EMRs are absolutely amazing applications that solve one problem – billing insurance companies. They don’t help a doctor practice better. They don’t help a doctor make more money. In fact, most doctors who use EMRs didn’t invest their own money in them because they don’t help individual doctors make more money. They were “given” them by their employer institutions and told to use them because it would make their employer money through upcoding, while at the same time, make their job more miserable.

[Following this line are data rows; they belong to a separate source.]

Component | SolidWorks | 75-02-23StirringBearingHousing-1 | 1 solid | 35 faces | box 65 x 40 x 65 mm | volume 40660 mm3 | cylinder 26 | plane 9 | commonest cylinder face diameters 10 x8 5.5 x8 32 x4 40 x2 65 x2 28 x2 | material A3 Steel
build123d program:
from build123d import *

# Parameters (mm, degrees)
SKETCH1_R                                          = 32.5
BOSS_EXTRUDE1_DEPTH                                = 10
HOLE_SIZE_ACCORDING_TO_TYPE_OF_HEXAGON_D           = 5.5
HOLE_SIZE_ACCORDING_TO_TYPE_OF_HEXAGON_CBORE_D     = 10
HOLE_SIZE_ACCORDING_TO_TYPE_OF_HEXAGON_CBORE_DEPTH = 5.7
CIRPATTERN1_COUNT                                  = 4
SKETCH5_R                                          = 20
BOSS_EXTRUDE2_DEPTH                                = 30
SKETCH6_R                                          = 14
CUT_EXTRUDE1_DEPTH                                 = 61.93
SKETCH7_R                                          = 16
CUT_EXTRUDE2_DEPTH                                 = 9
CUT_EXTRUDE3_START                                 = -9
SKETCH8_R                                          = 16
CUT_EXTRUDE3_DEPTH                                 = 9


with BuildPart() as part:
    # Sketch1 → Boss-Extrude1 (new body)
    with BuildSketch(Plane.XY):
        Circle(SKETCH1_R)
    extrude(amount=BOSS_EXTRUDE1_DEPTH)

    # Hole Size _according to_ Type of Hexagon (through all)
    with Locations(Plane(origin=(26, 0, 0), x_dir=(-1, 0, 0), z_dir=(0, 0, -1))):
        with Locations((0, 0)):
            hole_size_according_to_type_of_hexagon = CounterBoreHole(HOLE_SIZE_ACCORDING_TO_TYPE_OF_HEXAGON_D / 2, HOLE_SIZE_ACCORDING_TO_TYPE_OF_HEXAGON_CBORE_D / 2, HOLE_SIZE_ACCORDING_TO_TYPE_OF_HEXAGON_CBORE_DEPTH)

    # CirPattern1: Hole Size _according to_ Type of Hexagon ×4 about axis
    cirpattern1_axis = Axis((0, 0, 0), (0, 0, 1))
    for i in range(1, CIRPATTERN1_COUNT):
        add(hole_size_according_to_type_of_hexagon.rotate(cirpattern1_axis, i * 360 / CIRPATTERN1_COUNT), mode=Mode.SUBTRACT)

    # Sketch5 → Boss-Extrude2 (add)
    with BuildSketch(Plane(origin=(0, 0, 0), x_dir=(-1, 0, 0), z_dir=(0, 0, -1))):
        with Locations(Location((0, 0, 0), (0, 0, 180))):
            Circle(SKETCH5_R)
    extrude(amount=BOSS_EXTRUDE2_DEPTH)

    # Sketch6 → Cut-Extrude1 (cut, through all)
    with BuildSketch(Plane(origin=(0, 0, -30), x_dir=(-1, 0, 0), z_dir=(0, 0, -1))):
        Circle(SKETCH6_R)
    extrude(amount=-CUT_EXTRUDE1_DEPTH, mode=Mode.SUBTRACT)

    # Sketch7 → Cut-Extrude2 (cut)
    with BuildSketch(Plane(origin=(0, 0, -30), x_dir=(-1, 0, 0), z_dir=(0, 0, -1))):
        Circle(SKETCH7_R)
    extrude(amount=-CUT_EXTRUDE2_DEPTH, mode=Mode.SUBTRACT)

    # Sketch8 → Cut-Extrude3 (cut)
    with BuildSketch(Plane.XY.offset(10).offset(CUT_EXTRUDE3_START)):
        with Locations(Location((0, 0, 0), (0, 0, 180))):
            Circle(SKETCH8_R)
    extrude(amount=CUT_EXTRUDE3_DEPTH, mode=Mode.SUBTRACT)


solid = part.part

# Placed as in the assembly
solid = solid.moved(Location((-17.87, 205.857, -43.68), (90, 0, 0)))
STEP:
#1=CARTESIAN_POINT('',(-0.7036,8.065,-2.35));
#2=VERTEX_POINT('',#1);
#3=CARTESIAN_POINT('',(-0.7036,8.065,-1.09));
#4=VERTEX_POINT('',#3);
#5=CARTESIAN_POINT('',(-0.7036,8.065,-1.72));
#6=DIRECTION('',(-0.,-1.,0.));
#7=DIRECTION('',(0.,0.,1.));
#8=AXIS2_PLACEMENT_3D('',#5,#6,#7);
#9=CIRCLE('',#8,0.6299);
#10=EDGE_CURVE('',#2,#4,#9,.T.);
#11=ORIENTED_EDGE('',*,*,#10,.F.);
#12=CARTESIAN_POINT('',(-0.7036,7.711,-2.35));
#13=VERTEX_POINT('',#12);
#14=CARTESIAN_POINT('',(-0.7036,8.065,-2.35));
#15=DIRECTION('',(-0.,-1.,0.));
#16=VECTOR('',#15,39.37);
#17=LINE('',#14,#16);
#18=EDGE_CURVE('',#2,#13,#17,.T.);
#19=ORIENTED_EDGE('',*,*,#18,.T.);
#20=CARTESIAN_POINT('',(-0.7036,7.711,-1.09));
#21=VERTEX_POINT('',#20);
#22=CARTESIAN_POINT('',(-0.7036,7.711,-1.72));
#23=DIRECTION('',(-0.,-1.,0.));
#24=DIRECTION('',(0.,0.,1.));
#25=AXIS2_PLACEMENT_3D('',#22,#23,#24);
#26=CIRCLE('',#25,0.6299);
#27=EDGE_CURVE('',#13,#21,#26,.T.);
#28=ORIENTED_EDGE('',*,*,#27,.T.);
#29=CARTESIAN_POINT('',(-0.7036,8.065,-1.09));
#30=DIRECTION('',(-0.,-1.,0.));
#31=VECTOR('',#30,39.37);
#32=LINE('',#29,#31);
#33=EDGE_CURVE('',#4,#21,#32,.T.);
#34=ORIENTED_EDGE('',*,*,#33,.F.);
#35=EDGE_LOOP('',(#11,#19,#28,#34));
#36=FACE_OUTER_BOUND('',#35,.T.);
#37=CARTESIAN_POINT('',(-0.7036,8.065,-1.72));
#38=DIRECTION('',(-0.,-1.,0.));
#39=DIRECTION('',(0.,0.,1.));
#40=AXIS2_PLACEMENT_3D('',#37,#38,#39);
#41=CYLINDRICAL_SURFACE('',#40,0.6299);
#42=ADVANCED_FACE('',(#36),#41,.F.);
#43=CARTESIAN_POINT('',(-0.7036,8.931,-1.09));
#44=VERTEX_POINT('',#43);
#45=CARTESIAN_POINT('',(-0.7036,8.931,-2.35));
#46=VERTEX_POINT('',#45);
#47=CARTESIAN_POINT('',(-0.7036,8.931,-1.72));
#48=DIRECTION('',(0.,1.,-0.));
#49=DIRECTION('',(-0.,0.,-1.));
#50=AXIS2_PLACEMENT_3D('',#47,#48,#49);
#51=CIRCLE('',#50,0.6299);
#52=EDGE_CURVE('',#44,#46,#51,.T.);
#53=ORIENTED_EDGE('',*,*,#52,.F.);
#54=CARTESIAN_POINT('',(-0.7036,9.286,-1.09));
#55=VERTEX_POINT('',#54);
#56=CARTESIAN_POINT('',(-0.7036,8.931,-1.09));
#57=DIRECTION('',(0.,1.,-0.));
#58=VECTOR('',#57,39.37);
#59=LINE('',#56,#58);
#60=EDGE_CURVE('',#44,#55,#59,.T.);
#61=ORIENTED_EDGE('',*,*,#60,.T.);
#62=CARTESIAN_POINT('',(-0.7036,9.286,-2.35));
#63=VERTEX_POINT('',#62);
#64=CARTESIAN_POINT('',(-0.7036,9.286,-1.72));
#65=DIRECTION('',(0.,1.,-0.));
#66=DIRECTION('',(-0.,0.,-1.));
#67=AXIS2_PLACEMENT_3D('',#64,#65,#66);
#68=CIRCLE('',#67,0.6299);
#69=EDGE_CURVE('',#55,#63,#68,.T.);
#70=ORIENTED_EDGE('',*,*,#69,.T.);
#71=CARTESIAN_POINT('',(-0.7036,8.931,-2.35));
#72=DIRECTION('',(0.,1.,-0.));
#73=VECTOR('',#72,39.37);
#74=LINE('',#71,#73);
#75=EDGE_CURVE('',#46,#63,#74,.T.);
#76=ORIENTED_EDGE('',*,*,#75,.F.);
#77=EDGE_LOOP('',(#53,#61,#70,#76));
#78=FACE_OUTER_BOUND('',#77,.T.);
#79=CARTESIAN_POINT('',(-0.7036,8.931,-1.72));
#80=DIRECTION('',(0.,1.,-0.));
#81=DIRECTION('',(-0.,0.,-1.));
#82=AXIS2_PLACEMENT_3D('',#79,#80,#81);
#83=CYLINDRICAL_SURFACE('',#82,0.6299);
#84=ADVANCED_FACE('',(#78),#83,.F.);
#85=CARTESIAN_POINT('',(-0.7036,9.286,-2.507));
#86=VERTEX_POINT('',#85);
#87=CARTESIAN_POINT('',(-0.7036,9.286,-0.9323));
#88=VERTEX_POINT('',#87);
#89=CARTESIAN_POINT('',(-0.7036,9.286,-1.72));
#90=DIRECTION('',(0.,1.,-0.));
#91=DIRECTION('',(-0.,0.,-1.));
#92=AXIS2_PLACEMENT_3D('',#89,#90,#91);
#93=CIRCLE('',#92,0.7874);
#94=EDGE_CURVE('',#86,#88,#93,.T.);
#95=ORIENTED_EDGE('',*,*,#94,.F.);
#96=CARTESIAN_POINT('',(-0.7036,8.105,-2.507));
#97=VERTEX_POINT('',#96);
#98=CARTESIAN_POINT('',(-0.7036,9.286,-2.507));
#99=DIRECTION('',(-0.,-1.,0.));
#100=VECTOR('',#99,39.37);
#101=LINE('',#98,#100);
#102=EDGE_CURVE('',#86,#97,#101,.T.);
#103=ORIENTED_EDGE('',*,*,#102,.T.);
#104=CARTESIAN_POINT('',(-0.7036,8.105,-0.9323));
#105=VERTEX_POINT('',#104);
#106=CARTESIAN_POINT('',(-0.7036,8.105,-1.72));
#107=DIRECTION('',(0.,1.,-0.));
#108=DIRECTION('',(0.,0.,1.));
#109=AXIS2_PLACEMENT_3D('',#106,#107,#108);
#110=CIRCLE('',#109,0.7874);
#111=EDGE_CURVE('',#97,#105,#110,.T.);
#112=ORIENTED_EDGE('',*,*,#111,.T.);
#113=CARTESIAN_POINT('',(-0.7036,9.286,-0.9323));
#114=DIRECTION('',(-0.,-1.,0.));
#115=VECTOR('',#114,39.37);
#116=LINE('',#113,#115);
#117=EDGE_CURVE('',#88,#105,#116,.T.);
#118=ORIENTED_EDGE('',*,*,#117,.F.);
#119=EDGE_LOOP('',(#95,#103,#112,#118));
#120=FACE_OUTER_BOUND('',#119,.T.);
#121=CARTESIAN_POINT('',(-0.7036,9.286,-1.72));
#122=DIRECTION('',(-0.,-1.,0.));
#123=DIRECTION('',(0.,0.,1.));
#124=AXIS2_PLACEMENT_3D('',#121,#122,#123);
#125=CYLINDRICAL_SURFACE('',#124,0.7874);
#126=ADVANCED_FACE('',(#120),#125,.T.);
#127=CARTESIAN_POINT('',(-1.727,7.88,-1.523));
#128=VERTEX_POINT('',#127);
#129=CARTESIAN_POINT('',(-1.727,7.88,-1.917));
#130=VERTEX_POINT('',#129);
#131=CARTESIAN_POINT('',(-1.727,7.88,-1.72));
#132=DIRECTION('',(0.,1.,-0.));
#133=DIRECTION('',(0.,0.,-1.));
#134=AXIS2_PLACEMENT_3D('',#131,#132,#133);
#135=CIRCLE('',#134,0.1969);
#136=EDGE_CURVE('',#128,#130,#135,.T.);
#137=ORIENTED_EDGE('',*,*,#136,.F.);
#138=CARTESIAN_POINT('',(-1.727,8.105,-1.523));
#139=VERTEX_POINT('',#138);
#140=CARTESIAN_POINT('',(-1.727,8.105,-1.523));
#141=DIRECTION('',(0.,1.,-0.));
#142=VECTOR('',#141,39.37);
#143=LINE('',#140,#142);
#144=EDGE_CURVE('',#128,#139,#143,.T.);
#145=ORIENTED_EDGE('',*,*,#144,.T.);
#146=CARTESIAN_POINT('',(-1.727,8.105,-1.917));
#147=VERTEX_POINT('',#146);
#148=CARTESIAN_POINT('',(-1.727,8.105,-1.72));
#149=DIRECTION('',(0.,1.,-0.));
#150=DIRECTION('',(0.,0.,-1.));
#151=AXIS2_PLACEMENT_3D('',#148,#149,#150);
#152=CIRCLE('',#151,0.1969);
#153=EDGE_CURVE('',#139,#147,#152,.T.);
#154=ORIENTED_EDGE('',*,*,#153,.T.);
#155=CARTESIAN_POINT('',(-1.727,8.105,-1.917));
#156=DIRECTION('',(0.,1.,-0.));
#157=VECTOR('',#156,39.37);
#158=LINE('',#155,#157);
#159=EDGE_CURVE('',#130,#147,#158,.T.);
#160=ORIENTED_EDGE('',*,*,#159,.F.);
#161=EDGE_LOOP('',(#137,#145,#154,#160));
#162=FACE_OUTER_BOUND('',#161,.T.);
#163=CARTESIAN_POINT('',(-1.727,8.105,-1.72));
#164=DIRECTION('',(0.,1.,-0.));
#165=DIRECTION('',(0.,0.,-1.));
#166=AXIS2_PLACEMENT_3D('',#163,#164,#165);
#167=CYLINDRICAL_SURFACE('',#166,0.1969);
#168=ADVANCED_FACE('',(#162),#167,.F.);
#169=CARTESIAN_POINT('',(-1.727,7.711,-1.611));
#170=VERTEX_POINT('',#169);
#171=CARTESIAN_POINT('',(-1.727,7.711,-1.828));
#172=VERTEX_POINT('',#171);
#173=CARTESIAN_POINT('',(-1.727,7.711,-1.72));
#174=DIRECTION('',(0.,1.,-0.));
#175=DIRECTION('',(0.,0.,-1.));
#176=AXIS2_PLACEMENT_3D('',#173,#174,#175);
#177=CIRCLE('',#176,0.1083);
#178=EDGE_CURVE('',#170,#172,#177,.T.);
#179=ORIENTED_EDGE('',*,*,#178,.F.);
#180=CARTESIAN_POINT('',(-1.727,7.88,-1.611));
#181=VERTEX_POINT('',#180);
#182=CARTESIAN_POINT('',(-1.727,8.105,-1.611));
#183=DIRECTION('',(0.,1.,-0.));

I used to hate EMRs until I realized that doctors complain because they’re expecting EMRs to do a job they weren’t created to do. We’re all used to technology making our lives easier. And docs expect EMRs to do the same – make their jobs easier and more productive with better communication and access to more information that should help them make better decisions at the point of artful decision making.
If doctors would just kick back and stop complaining and finally accept what EMRs were born to do – be tedious billing engines that satisfy the millions of different rules from the hundreds of various insurance companies – maybe they’d stop having such animosity toward these “technologies.” The problem is, the modern doctor is used to working with tools that are enjoyable and benefit them directly, like Amazon, iTunes, Netflix, etc…and now they’re forced to use horrible interfaces with functionality that’s meant to maximize someone else’s profits.
A whole new class of medical web apps should be developed that help doctors do their jobs better. However, doctors don’t get paid to do our jobs WELL, we get paid to do our jobs THE MOST. And the more volume we crank out, the more we get paid. Therefore, the only scenario where this new class of medical application could thrive is the cash paying market where our patient customers actually pay us for customer service and quality. I hope this happens soon, but I fear the lobbying power of the most profitable and fastest growing industry in America, Health Care, will stifle almost all innovation until it implodes on itself and they go running to the federal government, Auto Industry style, begging for a bailout.